React Routerをはじめよう
なぜこの記事を書いたのか
React自体を触りはじめて、 「ページを増やすにはどうしたらいいの?」「URLごとに表示を変えたい」 という壁にぶつかった方も多いはず。私自身もそうでした。
React Router は昔からある定番のライブラリですが、最近のアップデートで使い方がずいぶんモダンになりました。
この記事では、私がつまずいたポイントや、「こうすれば楽に実装できる!」と感じた便利な機能を中心にまとめていますので、ぜひ参考にしてみてください。
最近のAIコーディングと学習のモチベーション
最近では、AIエージェントを活用したコーディングが主流になっているため、細かい仕様や文化を知らなくても誰もがスピーディにアプリを実装できる世界観に変わってきていますが、フレームワークの全体像や仕組みを知っている状態でコード生成に臨むのと、そうでないのとでは、生成物に対する姿勢が全く異なります。
例えばあなたがレストランのオーナーだとして、料理長がAIだと例えてみます。自分の全く知らない原材料・調理工程でAIがカレーをつくってくれたとします。美味しいうえに見た目も素晴らしいときていますが、中身は謎に包まれたままです。これをこのままお客さまに出せるでしょうか?AIコーディングでのアプリ作成も同じではないかと私は考えています。なぞのアプリをそのままお客さまに納品できるでしょうか、ということです。
料理の例えに戻ると、材料や基本的なレシピ、工程、完成品のイメージをAIに的確に指示し、AIは調理を爆速で仕上げてくれる。これなら安心して料理を提供できそうですよね。出来上がってきたものが想定外だった、あるいは、調理の途中で失敗したとしても、はじめに方針を与えたのはオーナーの自分ですから、失敗原因の把握と解決もスムーズになります。
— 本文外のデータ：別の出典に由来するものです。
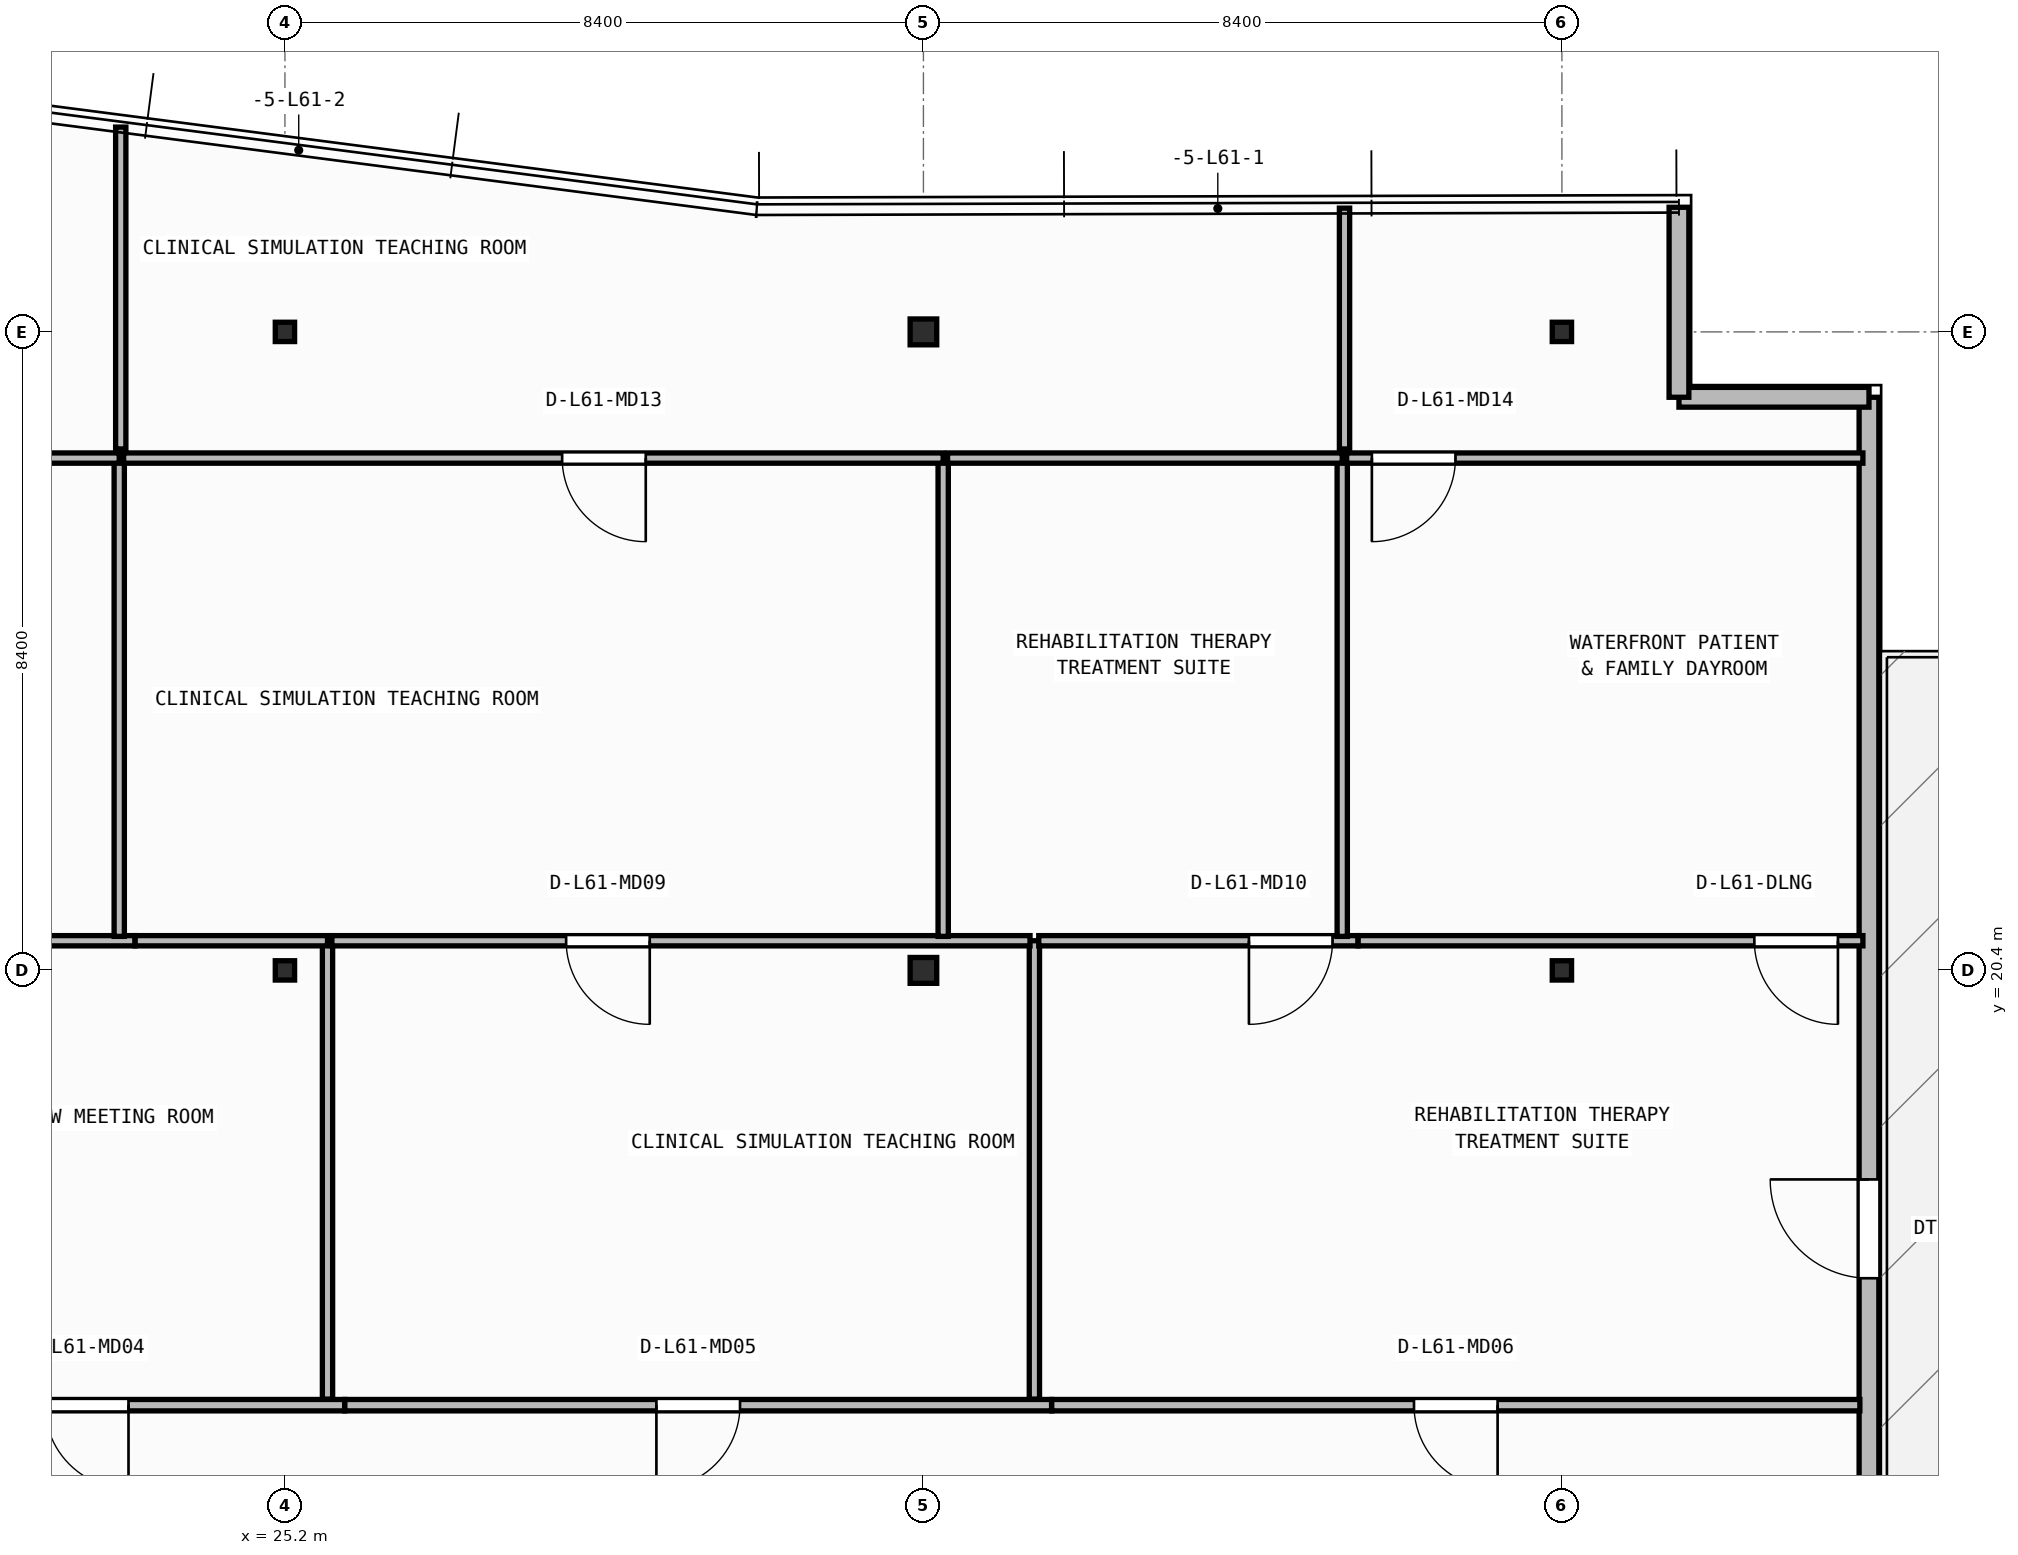
"""IFC4 building model, lengths in metres.
Left out: names, types, materials, properties, quantities, classifications, styles, units other than length and angle.
Written with IfcOpenShell. Run it as: python <this file> out.ifc"""

import sys

from ifc_helpers import new_model, si_unit, direction, frame, frame_2d, origin, origin_2d, place, context, subcontext, project, spatial, rectangle, i_section, extrude, element, fill, save


model = new_model("IFC4")
c1 = context("Model", 3, precision=1e-05, world=origin(), true_north=direction((0.0, 1.0)))
c2 = subcontext(c1, "Body", "Model", "MODEL_VIEW")
j1 = project(units=[si_unit("LENGTHUNIT", "METRE"), si_unit("PLANEANGLEUNIT", "RADIAN")], contexts=[c1])
p1 = place(None, origin())
s1 = spatial("IfcSite", under=j1, at=p1, CompositionType="ELEMENT")
p2 = place(p1, origin())
s2 = spatial("IfcBuilding", under=s1, at=p2, CompositionType="ELEMENT")
p3 = place(p2, frame((0.0, 0.0, 248.65)))
s3 = spatial("IfcBuildingStorey", under=s2, at=p3, CompositionType="ELEMENT", Elevation=248.65)
p4 = place(p3, frame((25.2, 20.4, 0.0), z_axis=(0.0, 0.0, 1.0), x_axis=(1.0, 0.0, 0.0)))
e1 = element("IfcColumn", 1, at=p4, inside=s3, PredefinedType="COLUMN", context=c2, shape_type="SweptSolid", body=[
    extrude(i_section(OverallWidth=0.254, OverallDepth=0.254, WebThickness=0.009, FlangeThickness=0.014, FilletRadius=0.013, at=origin_2d()), origin(), (0.0, 0.0, 1.0), 3.95),
])
p5 = place(p3, frame((33.6, 20.4, 0.0), z_axis=(0.0, 0.0, 1.0), x_axis=(1.0, 0.0, 0.0)))
e2 = element("IfcColumn", 2, at=p5, inside=s3, PredefinedType="COLUMN", context=c2, shape_type="SweptSolid", body=[
    extrude(i_section(OverallWidth=0.35, OverallDepth=0.34, WebThickness=0.016, FlangeThickness=0.028, at=origin_2d()), origin(), (0.0, 0.0, 1.0), 3.95),
])
for number, where, z_axis, x_axis in (
    (3, (42.0, 20.4, 0.0), (0.0, 0.0, 1.0), (1.0, 0.0, 0.0)),
    (4, (25.2, 28.8, 0.0), (0.0, 0.0, 1.0), (1.0, 0.0, 0.0)),
):
    element("IfcColumn", number, at=place(p3, frame(where, z_axis=z_axis, x_axis=x_axis)), inside=s3, PredefinedType="COLUMN", context=c2, shape_type="SweptSolid", body=[
        extrude(i_section(OverallWidth=0.254, OverallDepth=0.254, WebThickness=0.009, FlangeThickness=0.014, FilletRadius=0.013, at=origin_2d()), origin(), (0.0, 0.0, 1.0), 3.95),
    ])
p6 = place(p3, frame((33.6, 28.8, 0.0), z_axis=(0.0, 0.0, 1.0), x_axis=(1.0, 0.0, 0.0)))
e5 = element("IfcColumn", 5, at=p6, inside=s3, PredefinedType="COLUMN", context=c2, shape_type="SweptSolid", body=[
    extrude(i_section(OverallWidth=0.35, OverallDepth=0.34, WebThickness=0.016, FlangeThickness=0.028, at=origin_2d()), origin(), (0.0, 0.0, 1.0), 3.95),
])
p7 = place(p3, frame((42.0, 28.8, 0.0), z_axis=(0.0, 0.0, 1.0), x_axis=(1.0, 0.0, 0.0)))
e6 = element("IfcColumn", 6, at=p7, inside=s3, PredefinedType="COLUMN", context=c2, shape_type="SweptSolid", body=[
    extrude(i_section(OverallWidth=0.254, OverallDepth=0.254, WebThickness=0.009, FlangeThickness=0.014, FilletRadius=0.013, at=origin_2d()), origin(), (0.0, 0.0, 1.0), 3.95),
])
p8 = place(p3, frame((46.04, 6.06, 0.0), z_axis=(0.0, 0.0, 1.0), x_axis=(0.0, 1.0, 0.0)))
e7 = element("IfcWall", 7, at=p8, inside=s3, PredefinedType="STANDARD", context=c2, shape_type="SweptSolid", body=[
    extrude(rectangle(XDim=21.88, YDim=0.26, at=frame_2d((10.94, 0.0))), origin(), (0.0, 0.0, 1.0), 3.71),
])
p9 = place(p8, frame((10.29, 0.0, 0.0)))
e8 = element("IfcOpeningElement", 8, at=p9, cuts=e7, PredefinedType="OPENING", context=c2, shape_type="SweptSolid", body=[
    extrude(rectangle(XDim=1.3, YDim=2.15, at=frame_2d((0.65, 1.075))), frame((0.0, 0.14, 0.0), z_axis=(0.0, -1.0, 0.0), x_axis=(1.0, 0.0, 0.0)), (0.0, 0.0, 1.0), 0.28),
])
p10 = place(p3, frame((46.04, 27.94, 0.0), z_axis=(0.0, 0.0, 1.0), x_axis=(-1.0, 0.0, 0.0)))
e9 = element("IfcWall", 9, at=p10, inside=s3, PredefinedType="STANDARD", context=c2, shape_type="SweptSolid", body=[
    extrude(rectangle(XDim=2.5, YDim=0.26, at=frame_2d((1.25, 0.0))), origin(), (0.0, 0.0, 1.0), 3.71),
])
p11 = place(p3, frame((43.54, 27.94, 0.0), z_axis=(0.0, 0.0, 1.0), x_axis=(0.0, 1.0, 0.0)))
e10 = element("IfcWall", 10, at=p11, inside=s3, PredefinedType="STANDARD", context=c2, shape_type="SweptSolid", body=[
    extrude(rectangle(XDim=2.5, YDim=0.26, at=frame_2d((1.25, 0.0))), origin(), (0.0, 0.0, 1.0), 3.71),
])
p12 = place(p3, frame((25.986, 14.68, 0.0), z_axis=(0.0, 0.0, 1.0), x_axis=(-1.0, 0.0, 0.0)))
e11 = element("IfcWall", 11, at=p12, inside=s3, PredefinedType="PARTITIONING", context=c2, shape_type="SweptSolid", body=[
    extrude(rectangle(XDim=6.788, YDim=0.15, at=frame_2d((3.394, 0.0))), origin(), (0.0, 0.0, 1.0), 3.71),
])
p13 = place(p12, frame((2.844, 0.0, 0.0)))
e12 = element("IfcOpeningElement", 12, at=p13, cuts=e11, PredefinedType="OPENING", context=c2, shape_type="SweptSolid", body=[
    extrude(rectangle(XDim=1.1, YDim=2.1, at=frame_2d((0.55, 1.05))), frame((0.0, 0.085, 0.0), z_axis=(0.0, -1.0, 0.0), x_axis=(1.0, 0.0, 0.0)), (0.0, 0.0, 1.0), 0.17),
])
p14 = place(p3, frame((35.286, 14.68, 0.0), z_axis=(0.0, 0.0, 1.0), x_axis=(-1.0, 0.0, 0.0)))
e13 = element("IfcWall", 13, at=p14, inside=s3, PredefinedType="PARTITIONING", context=c2, shape_type="SweptSolid", body=[
    extrude(rectangle(XDim=9.298, YDim=0.15, at=frame_2d((4.649, 0.0))), origin(), (0.0, 0.0, 1.0), 3.71),
])
p15 = place(p14, frame((4.099, 0.0, 0.0)))
e14 = element("IfcOpeningElement", 14, at=p15, cuts=e13, PredefinedType="OPENING", context=c2, shape_type="SweptSolid", body=[
    extrude(rectangle(XDim=1.1, YDim=2.1, at=frame_2d((0.55, 1.05))), frame((0.0, 0.085, 0.0), z_axis=(0.0, -1.0, 0.0), x_axis=(1.0, 0.0, 0.0)), (0.0, 0.0, 1.0), 0.17),
])
p16 = place(p3, frame((45.92, 14.68, 0.0), z_axis=(0.0, 0.0, 1.0), x_axis=(-1.0, 0.0, 0.0)))
e15 = element("IfcWall", 15, at=p16, inside=s3, PredefinedType="PARTITIONING", context=c2, shape_type="SweptSolid", body=[
    extrude(rectangle(XDim=10.632, YDim=0.15, at=frame_2d((5.316, 0.0))), origin(), (0.0, 0.0, 1.0), 3.71),
])
p17 = place(p16, frame((4.766, 0.0, 0.0)))
e16 = element("IfcOpeningElement", 16, at=p17, cuts=e15, PredefinedType="OPENING", context=c2, shape_type="SweptSolid", body=[
    extrude(rectangle(XDim=1.1, YDim=2.1, at=frame_2d((0.55, 1.05))), frame((0.0, 0.085, 0.0), z_axis=(0.0, -1.0, 0.0), x_axis=(1.0, 0.0, 0.0)), (0.0, 0.0, 1.0), 0.17),
])
p18 = place(p3, frame((25.76, 14.76, 0.0), z_axis=(0.0, 0.0, 1.0), x_axis=(0.0, 1.0, 0.0)))
e17 = element("IfcWall", 17, at=p18, inside=s3, PredefinedType="PARTITIONING", context=c2, shape_type="SweptSolid", body=[
    extrude(rectangle(XDim=6.03, YDim=0.135, at=frame_2d((3.015, 0.0))), origin(), (0.0, 0.0, 1.0), 3.71),
])
p19 = place(p3, frame((23.228, 20.79, 0.0), z_axis=(0.0, 0.0, 1.0), x_axis=(-1.0, 0.0, 0.0)))
e18 = element("IfcWall", 18, at=p19, inside=s3, PredefinedType="PARTITIONING", context=c2, shape_type="SweptSolid", body=[
    extrude(rectangle(XDim=4.2, YDim=0.135, at=frame_2d((2.1, 0.0))), origin(), (0.0, 0.0, 1.0), 3.157),
])
p20 = place(p3, frame((25.76, 20.79, 0.0), z_axis=(0.0, 0.0, 1.0), x_axis=(-1.0, 0.0, 0.0)))
e19 = element("IfcWall", 19, at=p20, inside=s3, PredefinedType="PARTITIONING", context=c2, shape_type="SweptSolid", body=[
    extrude(rectangle(XDim=2.531, YDim=0.135, at=frame_2d((1.265, 0.0))), origin(), (0.0, 0.0, 1.0), 3.157),
])
p21 = place(p3, frame((35.06, 14.76, 0.0), z_axis=(0.0, 0.0, 1.0), x_axis=(0.0, 1.0, 0.0)))
e20 = element("IfcWall", 20, at=p21, inside=s3, PredefinedType="PARTITIONING", context=c2, shape_type="SweptSolid", body=[
    extrude(rectangle(XDim=6.03, YDim=0.135, at=frame_2d((3.015, 0.0))), origin(), (0.0, 0.0, 1.0), 3.71),
])
p22 = place(p3, frame((35.002, 20.79, 0.0), z_axis=(0.0, 0.0, 1.0), x_axis=(-1.0, 0.0, 0.0)))
e21 = element("IfcWall", 21, at=p22, inside=s3, PredefinedType="PARTITIONING", context=c2, shape_type="SweptSolid", body=[
    extrude(rectangle(XDim=9.185, YDim=0.135, at=frame_2d((4.593, 0.0))), origin(), (0.0, 0.0, 1.0), 3.157),
])
p23 = place(p22, frame((5.003, 0.0, 0.0)))
e22 = element("IfcOpeningElement", 22, at=p23, cuts=e21, PredefinedType="OPENING", context=c2, shape_type="SweptSolid", body=[
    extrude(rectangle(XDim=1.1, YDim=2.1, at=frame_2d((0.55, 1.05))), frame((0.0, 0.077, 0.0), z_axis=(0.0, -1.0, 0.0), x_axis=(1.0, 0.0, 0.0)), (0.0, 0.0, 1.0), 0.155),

アプリ作成でいえば以下のイメージです。
- 材料=言語(typescript, python, javaなど)
- レシピ=フレームワーク(Next.js, React router, djangoなど)
- 工程=こなしていくタスク(設計〜コーディング〜テストなど)
- 完成品=アプリ
アプリ作りでも材料・レシピ・工程の基本知識は押さえておき、「AIをつかう」という姿勢を持ちたい、と私は考えています。
React Routerとは
Reactアプリケーションに「いい感じのページ遷移」を追加してくれる定番ライブラリです。
ルーティングのお仕事
普通、Webサイトにはトップページや問い合わせページなど、いくつかのURLがありますよね。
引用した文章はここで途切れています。